The architectural term for barn style is 'gambrel' 

Because of the multiple ridges on a gambrel you also have multiple load points on the roof. Better think about microlams or steel.

Give us more info, a drawing or something, a small floor plan would be most helpful.

Bob


----------



## Mike Finley (Apr 28, 2004)

Flying buttresses.


----------



## Teetorbilt (Feb 12, 2004)

36' is quite a stretch. I'm thinking that you're going to lose about 24" with engineered trusses. I can run some numbers for you but whatever you do I think that you are going to run into a variety of problems, flex being #1.
You could get really original and suspend the floor from the roof trusses thus transferring the load to the exterior walls. This would require some engineering and have the guys in the building dept. scratching their heads but is a solution.


----------



## TimWieneke (Nov 1, 2004)

Are you talking only about exposed beams and columns? What if you had beams and columns buried in the framing? 

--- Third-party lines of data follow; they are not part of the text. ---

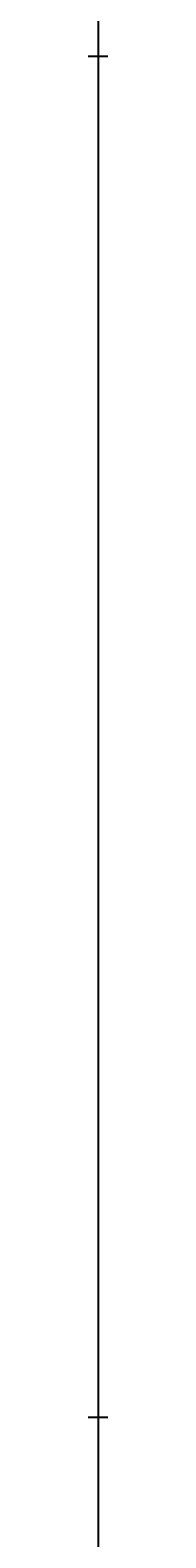
# Model space of a CAD drawing. Units: inches. Extents: x 35362 to 73946, y 43607 to 67532.
# Tile 29 of 134: x 48373 to 48373, y 46091 to 46564. Entities that reach past the tile are written whole.
import ezdxf

# ---------------------------------------------------------------- set-up
doc = ezdxf.new("R2010")
doc.units = ezdxf.units.IN
doc.header["$MEASUREMENT"] = 0
doc.layers.add('A-ANNO-DIMS', color=2, linetype='Continuous', lineweight=18)
doc.styles.get("Standard").update_dxf_attribs({"font": 'arial.ttf'})
doc.dimstyles.get("Standard").update_dxf_attribs({"dimtxt": 0.18, "dimasz": 0.18, "dimexe": 0.18, "dimexo": 0.0625, "dimgap": 0.09, "dimtad": 0, "dimtih": 1, "dimtoh": 1, "dimdec": 4, "dimzin": 0, "dimdsep": 46, "dimtxsty": 'Standard', "dimcen": 0.09, "dimadec": 0, "dimazin": 0, "dimtfac": 1, "dimtdec": 4, "dimtofl": 0, "dimtmove": 0, "dimatfit": 3, "dimfxl": 1, "dimtolj": 1, "dimtzin": 0, "dimarcsym": 0})

# ---------------------------------------------------------------- blocks, each defined once
blk = doc.blocks.new('*D5')
at = {"layer": 'A-ANNO-DIMS', "color": 0, "lineweight": -2, "transparency": 16777216}
for p, q in [((37121.95, 46919.32), (37121.95, 43606.68)), ((69871.5, 45449.83), (69871.5, 43606.68)), ((37122.13, 43606.86), (53496.29, 43606.86)), ((69871.32, 43606.86), (53497.15, 43606.86))]:
    blk.add_line(p, q, dxfattribs=at)
at = {"layer": 'A-ANNO-DIMS', "color": 0, "transparency": 16777216}
for points in [[(37122.13, 43606.89), (37122.13, 43606.83), (37121.95, 43606.86)], [(69871.32, 43606.89), (69871.32, 43606.83), (69871.5, 43606.86)]]:
    blk.add_solid(points, dxfattribs=at)
at = {"layer": 'Defpoints', "color": 0, "transparency": 16777216}
for p in [(37121.95, 46919.38), (69871.5, 45449.89), (69871.5, 43606.86)]:
    blk.add_point(p, dxfattribs=at)
at = {"layer": 'A-ANNO-DIMS', "color": 0, "transparency": 16777216, "insert": (53496.72, 43606.86), "char_height": 0.18, "attachment_point": 5}
blk.add_mtext('\\A1;32750', dxfattribs=at)
blk = doc.blocks.new('*D11')
at = {"layer": 'A-ANNO-DIMS', "color": 0, "lineweight": -2, "transparency": 16777216}
for p, q in [((47978.66, 56028.77), (47978.66, 43606.68)), ((53109.76, 56028.77), (53109.76, 43606.68)), ((47978.84, 43606.86), (50543.87, 43606.86)), ((53109.58, 43606.86), (50544.55, 43606.86))]:
    blk.add_line(p, q, dxfattribs=at)
at = {"layer": 'A-ANNO-DIMS', "color": 0, "transparency": 16777216}
for points in [[(47978.84, 43606.89), (47978.84, 43606.83), (47978.66, 43606.86)], [(53109.58, 43606.89), (53109.58, 43606.83), (53109.76, 43606.86)]]:
    blk.add_solid(points, dxfattribs=at)
at = {"layer": 'Defpoints', "color": 0, "transparency": 16777216}
for p in [(47978.66, 56028.84), (53109.76, 56028.84), (53109.76, 43606.86)]:
    blk.add_point(p, dxfattribs=at)
at = {"layer": 'A-ANNO-DIMS', "color": 0, "transparency": 16777216, "insert": (50544.21, 43606.86), "char_height": 0.18, "attachment_point": 5}
blk.add_mtext('\\A1;5131', dxfattribs=at)
blk = doc.blocks.new('*D27')
at = {"layer": 'A-ANNO-DIMS', "color": 0, "lineweight": -2, "transparency": 16777216}
for p, q in [((47978.66, 56028.77), (47978.66, 43606.68)), ((48373.49, 53428.96), (48373.49, 43606.68)), ((47978.84, 43606.86), (48175.68, 43606.86)), ((48373.31, 43606.86), (48176.47, 43606.86))]:
    blk.add_line(p, q, dxfattribs=at)
at = {"layer": 'A-ANNO-DIMS', "color": 0, "transparency": 16777216}
for points in [[(47978.84, 43606.89), (47978.84, 43606.83), (47978.66, 43606.86)], [(48373.31, 43606.89), (48373.31, 43606.83), (48373.49, 43606.86)]]:
    blk.add_solid(points, dxfattribs=at)
at = {"layer": 'Defpoints', "color": 0, "transparency": 16777216}
for p in [(47978.66, 56028.84), (48373.49, 53429.02), (48373.49, 43606.86)]:
    blk.add_point(p, dxfattribs=at)
at = {"layer": 'A-ANNO-DIMS', "color": 0, "transparency": 16777216, "insert": (48176.08, 43606.86), "char_height": 0.18, "attachment_point": 5}
blk.add_mtext('\\A1;394.8', dxfattribs=at)
blk = doc.blocks.new('*D67')
at = {"layer": 'A-ANNO-DIMS', "color": 0, "lineweight": -2, "transparency": 16777216}
for p, q in [((56873.54, 53351.53), (35361.77, 53351.53)), ((35361.95, 53351.35), (35361.95, 49400.89)), ((35361.95, 45450.07), (35361.95, 49400.53)), ((53793.58, 45449.89), (35361.77, 45449.89))]:
    blk.add_line(p, q, dxfattribs=at)
at = {"layer": 'A-ANNO-DIMS', "color": 0, "transparency": 16777216}
for points in [[(35361.92, 53351.35), (35361.98, 53351.35), (35361.95, 53351.53)], [(35361.92, 45450.07), (35361.98, 45450.07), (35361.95, 45449.89)]]:
    blk.add_solid(points, dxfattribs=at)
at = {"layer": 'Defpoints', "color": 0, "transparency": 16777216}
for p in [(35361.95, 53351.53), (56873.6, 53351.53), (53793.64, 45449.89)]:
    blk.add_point(p, dxfattribs=at)
at = {"layer": 'A-ANNO-DIMS', "color": 0, "transparency": 16777216, "insert": (35361.95, 49400.71), "char_height": 0.18, "attachment_point": 5}
blk.add_mtext('\\A1;7901.6', dxfattribs=at)
blk = doc.blocks.new('*D76')
at = {"layer": 'A-ANNO-DIMS', "color": 0, "lineweight": -2, "transparency": 16777216}
for p, q in [((54052.84, 46555.29), (35361.77, 46555.29)), ((35361.95, 46555.11), (35361.95, 46342.27)), ((35361.95, 46129.06), (35361.95, 46341.9)), ((53793.58, 46128.88), (35361.77, 46128.88))]:
    blk.add_line(p, q, dxfattribs=at)
at = {"layer": 'A-ANNO-DIMS', "color": 0, "transparency": 16777216}
for points in [[(35361.92, 46555.11), (35361.98, 46555.11), (35361.95, 46555.29)], [(35361.92, 46129.06), (35361.98, 46129.06), (35361.95, 46128.88)]]:
    blk.add_solid(points, dxfattribs=at)
at = {"layer": 'Defpoints', "color": 0, "transparency": 16777216}
for p in [(35361.95, 46555.29), (54052.9, 46555.29), (53793.64, 46128.88)]:
    blk.add_point(p, dxfattribs=at)
at = {"layer": 'A-ANNO-DIMS', "color": 0, "transparency": 16777216, "insert": (35361.95, 46342.09), "char_height": 0.18, "attachment_point": 5}
blk.add_mtext('\\A1;426.4', dxfattribs=at)
blk = doc.blocks.new('*D90')
at = {"layer": 'A-ANNO-DIMS', "color": 0, "lineweight": -2, "transparency": 16777216}
for p, q in [((53707.72, 47291.29), (35361.77, 47291.29)), ((35361.95, 47291.11), (35361.95, 46710.26)), ((35361.95, 46129.06), (35361.95, 46709.9)), ((53793.58, 46128.88), (35361.77, 46128.88))]:
    blk.add_line(p, q, dxfattribs=at)
at = {"layer": 'A-ANNO-DIMS', "color": 0, "transparency": 16777216}
for points in [[(35361.92, 47291.11), (35361.98, 47291.11), (35361.95, 47291.29)], [(35361.92, 46129.06), (35361.98, 46129.06), (35361.95, 46128.88)]]:
    blk.add_solid(points, dxfattribs=at)
at = {"layer": 'Defpoints', "color": 0, "transparency": 16777216}
for p in [(53707.78, 47291.29), (35361.95, 46128.88), (53793.64, 46128.88)]:
    blk.add_point(p, dxfattribs=at)
at = {"layer": 'A-ANNO-DIMS', "color": 0, "transparency": 16777216, "insert": (35361.95, 46710.08), "char_height": 0.18, "attachment_point": 5}
blk.add_mtext('\\A1;1162.4', dxfattribs=at)

msp = doc.modelspace()

# ---------------------------------------------------------------- dimensions: what is measured, and where the dimension line sits
at = {"layer": 'A-ANNO-DIMS'}
for base, p1, p2, override, picture, middle in [((53109.76, 43606.859), (47978.665, 56028.836), (53109.76, 56028.836), {"dimdec": 0, "dimlfac": 1, "dimrnd": 0, "dimzin": 0, "dimdsep": 46, "dimlunit": 2}, '*D11', (50544.212, 43606.859)), ((48373.492, 43606.859), (47978.665, 56028.836), (48373.492, 53429.019), {"dimdec": 1, "dimlfac": 1, "dimrnd": 0, "dimzin": 0, "dimdsep": 46, "dimlunit": 2}, '*D27', (48176.078, 43606.859)), ((69871.496, 43606.859), (37121.949, 46919.381), (69871.496, 45449.894), {"dimdec": 0, "dimlfac": 1, "dimrnd": 0, "dimzin": 0, "dimdsep": 46, "dimlunit": 2}, '*D5', (53496.723, 43606.859))]:
    dim = msp.add_linear_dim(base=base, p1=p1, p2=p2, dimstyle='Standard', override=override, dxfattribs=at)
    dim.commit()
    dim.dimension.update_dxf_attribs({"geometry": picture, "text_midpoint": middle})
for base, p1, p2, picture, middle in [((35361.949, 53351.529), (53793.638, 45449.894), (56873.602, 53351.529), '*D67', (35361.949, 49400.712)), ((35361.949, 46128.878), (53707.781, 47291.285), (53793.638, 46128.878), '*D90', (35361.949, 46710.081)), ((35361.949, 46555.293), (53793.638, 46128.878), (54052.899, 46555.293), '*D76', (35361.949, 46342.086))]:
    dim = msp.add_linear_dim(base=base, p1=p1, p2=p2, angle=90, dimstyle='Standard', override={"dimdec": 1, "dimlfac": 1, "dimrnd": 0, "dimzin": 0, "dimdsep": 46, "dimlunit": 2}, dxfattribs=at)
    dim.commit()
    dim.dimension.update_dxf_attribs({"geometry": picture, "text_midpoint": middle})

doc.saveas('drawing.dxf')
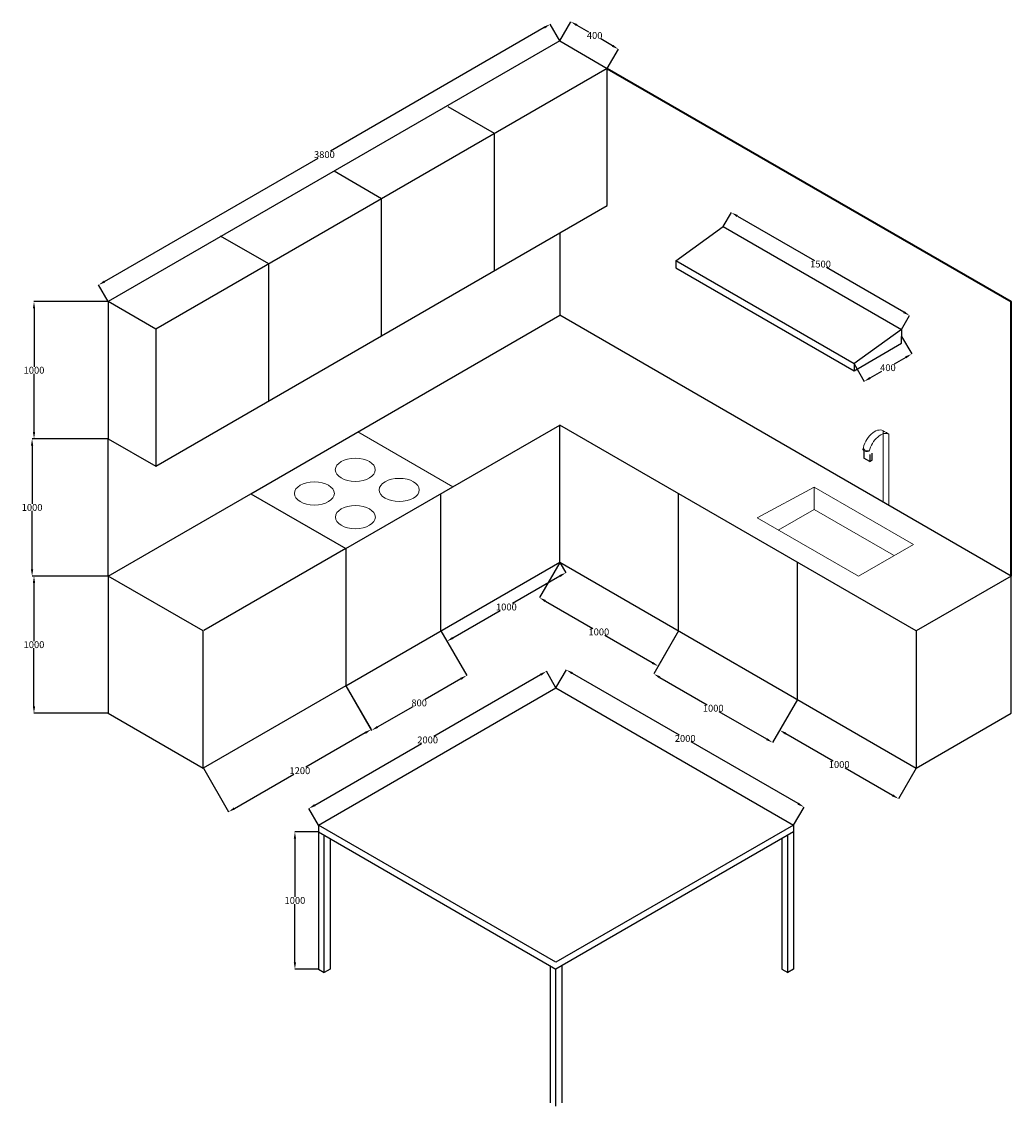
# Model space of a CAD drawing. Units: millimetres. Extents: x -3536 to 3677, y -3825 to 4079.
import ezdxf

# ---------------------------------------------------------------- set-up
doc = ezdxf.new("R2010")
doc.units = ezdxf.units.MM
doc.header["$MEASUREMENT"] = 0
for name, color, linetype, lineweight in [('A-ANNO-DIMS', 2, 'Continuous', 18), ('A-EQPM', 8, 'Continuous', 18), ('A-FLOR-FIXT', 9, 'Continuous', 18), ('A-FURN', 8, 'Continuous', 25), ('A-FURN-CASE', 7, 'Continuous', 25), ('A-WALL', 7, 'Continuous', 35)]:
    doc.layers.add(name, color=color, linetype=linetype, lineweight=lineweight)
doc.styles.get("Standard").update_dxf_attribs({"font": 'arial.ttf'})
doc.dimstyles.get("Standard").update_dxf_attribs({"dimtxt": 50, "dimasz": 50, "dimexe": 0.18, "dimexo": 0.0625, "dimgap": 0.09, "dimtad": 0, "dimtih": 1, "dimtoh": 1, "dimdec": 0, "dimzin": 0, "dimdsep": 46, "dimtxsty": 'Standard', "dimcen": 0.09, "dimadec": 0, "dimazin": 0, "dimtfac": 1, "dimtdec": 0, "dimtofl": 0, "dimtmove": 0, "dimatfit": 3, "dimfxl": 1, "dimtolj": 1, "dimtzin": 0, "dimarcsym": 0})

# ---------------------------------------------------------------- blocks, each defined once
blk = doc.blocks.new('*D1')
at = {"layer": 'A-ANNO-DIMS', "color": 0, "lineweight": -2, "transparency": 16777216}
for p, q in [((272.2, 4035.8), (-1285.6, 3136.4)), ((385.6, 3939.3), (315.4, 4060.9)), ((-2932.1, 2185.8), (-1374.4, 3085.1)), ((-2905.3, 2039.3), (-2975.5, 2160.9))]:
    blk.add_line(p, q, dxfattribs=at)
at = {"layer": 'A-ANNO-DIMS', "color": 0, "transparency": 16777216}
for points in [[(268, 4043), (276.3, 4028.6), (315.5, 4060.8)], [(-2936.3, 2193), (-2928, 2178.6), (-2975.4, 2160.8)]]:
    blk.add_solid(points, dxfattribs=at)
at = {"layer": 'Defpoints', "color": 0, "transparency": 16777216}
for p in [(315.5, 4060.8), (385.6, 3939.3), (-2905.3, 2039.3)]:
    blk.add_point(p, dxfattribs=at)
at = {"layer": 'A-ANNO-DIMS', "color": 0, "transparency": 16777216, "insert": (-1330, 3110.8), "char_height": 50, "attachment_point": 5}
blk.add_mtext('\\A1;3800', dxfattribs=at)
blk = doc.blocks.new('*D2')
at = {"layer": 'A-ANNO-DIMS', "color": 0, "lineweight": -2, "transparency": 16777216}
for p, q in [((-1173.2, -760.8), (-989.3, -1079.3)), ((-1032.7, -1104.1), (-1464.6, -1353.5)), ((-2212.4, -1360.8), (-2028.5, -1679.3)), ((-1985.3, -1654.1), (-1553.4, -1404.8))]:
    blk.add_line(p, q, dxfattribs=at)
at = {"layer": 'A-ANNO-DIMS', "color": 0, "transparency": 16777216}
for points in [[(-1036.9, -1096.9), (-1028.5, -1111.3), (-989.4, -1079.1)], [(-1989.5, -1646.9), (-1981.2, -1661.3), (-2028.6, -1679.1)]]:
    blk.add_solid(points, dxfattribs=at)
at = {"layer": 'Defpoints', "color": 0, "transparency": 16777216}
for p in [(-1173.2, -760.7), (-989.4, -1079.1), (-2212.5, -1360.7)]:
    blk.add_point(p, dxfattribs=at)
at = {"layer": 'A-ANNO-DIMS', "color": 0, "transparency": 16777216, "insert": (-1509, -1379.1), "char_height": 50, "attachment_point": 5}
blk.add_mtext('\\A1;1200', dxfattribs=at)
blk = doc.blocks.new('*D3')
at = {"layer": 'A-ANNO-DIMS', "color": 0, "lineweight": -2, "transparency": 16777216}
for p, q in [((-480.4, -360.8), (-292.9, -685.5)), ((-336.3, -710.3), (-595.1, -859.7)), ((-1173.2, -760.8), (-985.8, -1085.5)), ((-942.5, -1060.3), (-683.8, -910.9))]:
    blk.add_line(p, q, dxfattribs=at)
at = {"layer": 'A-ANNO-DIMS', "color": 0, "transparency": 16777216}
for points in [[(-340.5, -703.1), (-332.2, -717.5), (-293, -685.3)], [(-946.7, -1053.1), (-938.4, -1067.5), (-985.8, -1085.3)]]:
    blk.add_solid(points, dxfattribs=at)
at = {"layer": 'Defpoints', "color": 0, "transparency": 16777216}
for p in [(-480.4, -360.7), (-293, -685.3), (-1173.2, -760.7)]:
    blk.add_point(p, dxfattribs=at)
at = {"layer": 'A-ANNO-DIMS', "color": 0, "transparency": 16777216, "insert": (-639.4, -885.3), "char_height": 50, "attachment_point": 5}
blk.add_mtext('\\A1;800', dxfattribs=at)
blk = doc.blocks.new('*D4')
at = {"layer": 'A-ANNO-DIMS', "color": 0, "lineweight": -2, "transparency": 16777216}
for p, q in [((385.6, 139.2), (429.3, 63.6)), ((385.9, 38.8), (40.6, -160.6)), ((-393.5, -411.2), (-48.2, -211.9)), ((-480.4, -360.8), (-436.7, -436.4))]:
    blk.add_line(p, q, dxfattribs=at)
at = {"layer": 'A-ANNO-DIMS', "color": 0, "transparency": 16777216}
for points in [[(381.7, 46), (390.1, 31.5), (429.2, 63.8)], [(-397.7, -404), (-389.4, -418.5), (-436.8, -436.2)]]:
    blk.add_solid(points, dxfattribs=at)
at = {"layer": 'Defpoints', "color": 0, "transparency": 16777216}
for p in [(385.6, 139.3), (429.2, 63.8), (-480.4, -360.7)]:
    blk.add_point(p, dxfattribs=at)
at = {"layer": 'A-ANNO-DIMS', "color": 0, "transparency": 16777216, "insert": (-3.8, -186.2), "char_height": 50, "attachment_point": 5}
blk.add_mtext('\\A1;1000', dxfattribs=at)
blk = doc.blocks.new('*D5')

I'm not an engineer but if you could bury them in the framing maybe someone could engineer you a plan with a couple serious (aka expensive) steel beams spanning the 36', then some joists perpendicular to these beams to create 18' spans in which you could put the rest of the joists.... I know they make steel floor joists (much like steel studs), which may hold your answer. However I have no engineering information, I've never seen anything like this and don't even know if it's architecturally feasible - I'm just saying it may be. 

Tim


----------



## pondman (Dec 29, 2004)

This is not that hard but you will need to take this to an engineering firm so they can calculate your load for you. I do this all the time taking old homes and tearing off the roofs so as to add a 2nd story. You will need to use some steel and microlams. The steel is cheaper. At least here in N.C.

We will split the 30 ft width in half with a "W" beam sized accordingly. This 36 ft. "W" beam will need to have holes torched usually every 24 inches staggard so you can bolt joists to both sides. Usually 5/8" hole.

Now you will want to split the 36 ft long sections into three 12 ft sections. This can be done with microlams. It will either take two or three depending on load. Your engineer can calculate. If it takes three then you will need twelve microlams. What you have done is divided the 36 X 30 into six sections of 12 X 15. Then the typical floor framing can be 16" on center. This will allow you to have 100% open space, as the load is transfered to the outside walls and down to the foundation.

*REMEMBER:* You still have to worry about the roof as well. So you will need some type of walls on the second floor to transfer roof load down. OR you could just do the samething on the second floor ceiling and then the whole second floor could be open as well.

The steel will be the cheapest thing to buy, at least here in N.C. as it is compared to microlams and engineered lumber. I can get a beam for around $200 depending on length, where three microlams will run over $300 to carry the same load.

I have done this many times in large remodels and it is not that hard. It gives you more room to have options with openess and large spaces. Doing a quick calculation, if you did this both on the floor and mirrored it on the ceiling so as to maximize your openess on both floors, you are talking an estimated $4,000 to $5,000 more in lumber and steel and engineering design. 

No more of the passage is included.